La môme vert-de-gris est un habile hommage au cinéma noir américain qui a révélé Eddie Constantine au grand public. Sympathique.
Synopsis : Victime d’une rixe, la nuit, dans un cabaret de Casablanca, Mickey est mort après avoir révélé dans son délire qu’un convoi d’or provenant des États-Unis doit être attaqué en Italie… Le FBI dépêche l’un de ses agents, le G. Man Lemmy Caution, pour enquêter sur les lieux. Dans le cabaret de Joe Madrigal. Caution doit entrer en contact avec un autre agent qu’il trouve assassiné. Lemmy retrouve un reporter américain, Jerry Tiernan, surnommé G.D.B. à cause de son penchant pour l’alcool, et fait la connaissance de la chanteuse, la belle Carlotta de La Rue, surnommée la “Môme Vert-de-Gris”, qui est aussi la sœur de Mickey.
Critique : Fils du producteur Raymond Borderie, Bernard Borderie connaît le succès dès son tout premier long-métrage, le film d’espionnage Les loups chassent la nuit (1951) qui réunit plus de 1,8 million de spectateurs. Cela lui donne donc les coudées franches pour un second essai dans un genre très proche.
Le choix du réalisateur se porte sur un roman du Britannique Peter Cheyney qui met en scène les aventures d’un agent du FBI nommé Lemmy Caution.

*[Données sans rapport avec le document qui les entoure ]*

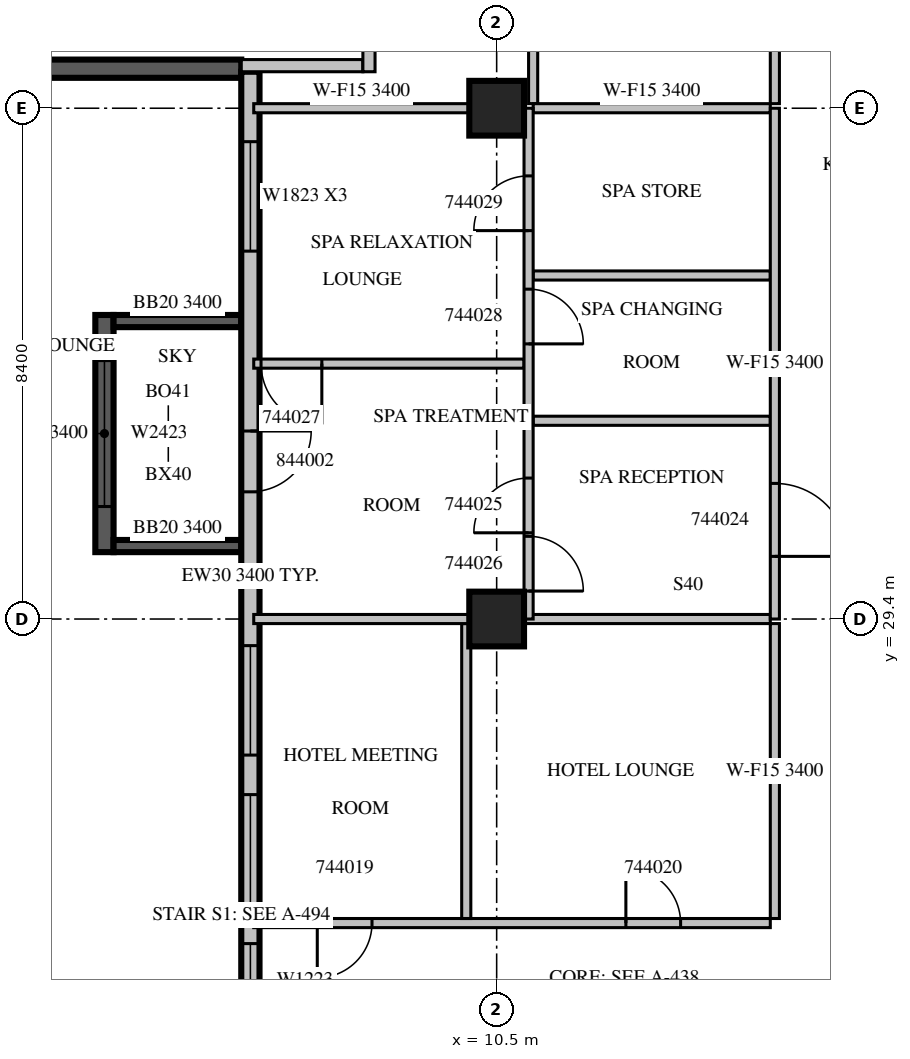
"""IFC4 building model, lengths in metres.
Left out: names, types, materials, properties, quantities, classifications, styles, units other than length and angle.
Written with IfcOpenShell. Run it as: python <this file> out.ifc"""

import sys

from ifc_helpers import new_model, si_unit, direction, frame, frame_2d, origin, origin_2d, place, context, subcontext, project, spatial, rectangle, extrude, source, transform, mapped, element, fill, save


model = new_model("IFC4")
c1 = context("Model", 3, precision=1e-05, world=origin(), true_north=direction((0.0, 1.0)))
c2 = subcontext(c1, "Body", "Model", "MODEL_VIEW")
j1 = project(units=[si_unit("LENGTHUNIT", "METRE"), si_unit("PLANEANGLEUNIT", "RADIAN")], contexts=[c1])
p1 = place(None, origin())
s1 = spatial("IfcSite", under=j1, at=p1, CompositionType="ELEMENT")
p2 = place(p1, origin())
s2 = spatial("IfcBuilding", under=s1, at=p2, CompositionType="ELEMENT")
p3 = place(p2, frame((0.0, 0.0, 200.6)))
s3 = spatial("IfcBuildingStorey", under=s2, at=p3, CompositionType="ELEMENT", Elevation=200.6)
m1 = source(origin(), c2, "Body", "SweptSolid", [
    extrude(rectangle(XDim=0.9, YDim=0.9, at=origin_2d()), origin(), (0.0, 0.0, 1.0), 3.8),
])
for number, where, z_axis, x_axis in (
    (1, (10.5, 29.4, 0.0), (0.0, 0.0, 1.0), (1.0, 0.0, 0.0)),
    (2, (10.5, 37.8, 0.0), (0.0, 0.0, 1.0), (1.0, 0.0, 0.0)),
):
    element("IfcColumn", number, at=place(p3, frame(where, z_axis=z_axis, x_axis=x_axis)), inside=s3, PredefinedType="COLUMN", context=c2, shape_type="MappedRepresentation", body=[
        mapped(m1, transform((0.0, 0.0, 0.0), scale=1.0)),
    ])
p4 = place(p3, frame((4.05, 34.4, 0.0), z_axis=(0.0, 0.0, 1.0), x_axis=(0.0, -1.0, 0.0)))
e3 = element("IfcWall", 3, at=p4, inside=s3, PredefinedType="SOLIDWALL", context=c2, shape_type="SweptSolid", body=[
    extrude(rectangle(XDim=3.9, YDim=0.3, at=frame_2d((1.95, 0.0))), origin(), (0.0, 0.0, 1.0), 3.4),
])
m2 = source(origin(), c2, "Body", "SweptSolid", [
    extrude(rectangle(XDim=2.4, YDim=2.3, at=frame_2d((1.2, 1.15))), frame((0.0, 0.16, 0.0), z_axis=(0.0, -1.0, 0.0), x_axis=(1.0, 0.0, 0.0)), (0.0, 0.0, 1.0), 0.32),
])
p5 = place(p4, frame((0.75, 0.0, 0.6)))
e4 = element("IfcOpeningElement", 4, at=p5, cuts=e3, PredefinedType="OPENING", context=c2, shape_type="MappedRepresentation", body=[
    mapped(m2, transform((0.0, 0.0, 0.0), scale=1.0)),
])
p6 = place(p3, frame((6.3, 34.3, 0.0), z_axis=(0.0, 0.0, 1.0), x_axis=(-1.0, 0.0, 0.0)))
e5 = element("IfcWall", 5, at=p6, inside=s3, PredefinedType="SOLIDWALL", context=c2, shape_type="SweptSolid", body=[
    extrude(rectangle(XDim=2.1, YDim=0.2, at=frame_2d((1.05, 0.0))), origin(), (0.0, 0.0, 1.0), 3.4),
])
m3 = source(origin(), c2, "Body", "SweptSolid", [
    extrude(rectangle(XDim=2.1, YDim=0.2, at=frame_2d((1.05, 0.0))), origin(), (0.0, 0.0, 1.0), 3.4),
])
p7 = place(p3, frame((6.3, 30.6, 0.0), z_axis=(0.0, 0.0, 1.0), x_axis=(-1.0, 0.0, 0.0)))
e6 = element("IfcWall", 6, at=p7, inside=s3, PredefinedType="SOLIDWALL", context=c2, shape_type="MappedRepresentation", body=[
    mapped(m3, transform((0.0, 0.0, 0.0), scale=1.0)),
])
m4 = source(origin(), c2, "Body", "SweptSolid", [
    extrude(rectangle(XDim=6.1, YDim=0.3, at=frame_2d((3.05, 0.0))), origin(), (0.0, 0.0, 1.0), 3.4),
])
p8 = place(p3, frame((0.2, 38.45, 0.0), z_axis=(0.0, 0.0, 1.0), x_axis=(1.0, 0.0, 0.0)))
e7 = element("IfcWall", 7, at=p8, inside=s3, PredefinedType="SOLIDWALL", context=c2, shape_type="MappedRepresentation", body=[
    mapped(m4, transform((0.0, 0.0, 0.0), scale=1.0)),
])
m5 = source(origin(), c2, "Body", "SweptSolid", [
    extrude(rectangle(XDim=16.6, YDim=0.3, at=frame_2d((8.3, 0.0))), origin(), (0.0, 0.0, 1.0), 3.4),
])
p9 = place(p3, frame((6.45, 38.4, 0.0), z_axis=(0.0, 0.0, 1.0), x_axis=(0.0, -1.0, 0.0)))
e8 = element("IfcWall", 8, at=p9, inside=s3, PredefinedType="STANDARD", context=c2, shape_type="MappedRepresentation", body=[
    mapped(m5, transform((0.0, 0.0, 0.0), scale=1.0)),
])
m6 = source(origin(), c2, "Body", "SweptSolid", [
    extrude(rectangle(XDim=1.8, YDim=2.3, at=frame_2d((0.9, 1.15))), frame((0.0, 0.16, 0.0), z_axis=(0.0, -1.0, 0.0), x_axis=(1.0, 0.0, 0.0)), (0.0, 0.0, 1.0), 0.32),
])
p10 = place(p9, frame((1.15, 0.0, 0.6)))
e9 = element("IfcOpeningElement", 9, at=p10, cuts=e8, PredefinedType="OPENING", context=c2, shape_type="MappedRepresentation", body=[
    mapped(m6, transform((0.0, 0.0, 0.0), scale=1.0)),
])
p11 = place(p9, frame((9.438, 0.0, 0.6)))
e10 = element("IfcOpeningElement", 10, at=p11, cuts=e8, PredefinedType="OPENING", context=c2, shape_type="MappedRepresentation", body=[
    mapped(m6, transform((0.0, 0.0, 0.0), scale=1.0)),
])
m7 = source(origin(), c2, "Body", "SweptSolid", [
    extrude(rectangle(XDim=1.2, YDim=2.3, at=frame_2d((0.6, 1.15))), frame((0.0, 0.16, 0.0), z_axis=(0.0, -1.0, 0.0), x_axis=(1.0, 0.0, 0.0)), (0.0, 0.0, 1.0), 0.32),
])
p12 = place(p9, frame((14.338, 0.0, 0.6)))
e11 = element("IfcOpeningElement", 11, at=p12, cuts=e8, PredefinedType="OPENING", context=c2, shape_type="MappedRepresentation", body=[
    mapped(m7, transform((0.0, 0.0, 0.0), scale=1.0)),
])
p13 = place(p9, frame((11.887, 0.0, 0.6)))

Avec l’aide de Jacques Berland, Bernard Borderie choisit d’adapter Poison Ivy qui devient en français La môme vert-de-gris.
S’engage alors la phase de casting où sont choisis des acteurs qui ne sont pas encore connus du grand public. Un choix audacieux, mais qui va s’avérer payant. Borderie offre ainsi à Eddie Constantine et Dominique Wilms leur tout premier rôle au cinéma. Le premier est un chanteur américain jusqu’alors sans grand succès, tandis que la seconde est un mannequin repéré par le réalisateur Edmond T. Gréville qui la conseille à Borderie.
Le reste est entré dans les annales puisque le long-métrage a littéralement cassé la baraque lors de sa sortie au mois de mai 1953. La môme vert-de-gris s’installe tout bonnement à la onzième marche du podium annuel avec plus de 3,8 millions de spectateurs passionnés par les aventures de l’agent du FBI. De quoi lancer définitivement la carrière de Bernard Borderie, mais surtout de faire d’Eddie Constantine une star instantanée, tout en promettant à Dominique Wilms une belle carrière qu’elle n’aura pas vraiment.
Au vu du film, on peut comprendre l’engouement du public de l’époque, dont les critères varient forcément avec ceux d’aujourd’hui. Si le film peut sembler un brin vieillot de nos jours, il faut lui reconnaître une forme d’efficacité qui le distingue du tout-venant de l’époque. On y sent notamment le goût de Bernard Borderie pour le cinéma noir américain qu’il tente d’imiter. Ainsi, la localisation à Casablanca est une référence directe au film éponyme de Michael Curtiz avec Humphrey Bogart et Ingrid Bergman qui est sorti après-guerre en France (en mai 1947 pour être précis). Ainsi tout le début du long-métrage y fait forcément songer. La femme fatale incarnée par une Dominique Wilms très sophistiquée nous renvoie également aux grandes figures du genre comme Veronica Lake.
En ce qui concerne l’intrigue proprement dite, elle en vaut une autre et réserve son lot de rebondissements attendus. Certes, on peut trouver certaines articulations un peu faciles (Lemmy Caution se tire un peu trop souvent de situations inextricables sans dommage), mais l’ensemble se suit sans déplaisir aucun.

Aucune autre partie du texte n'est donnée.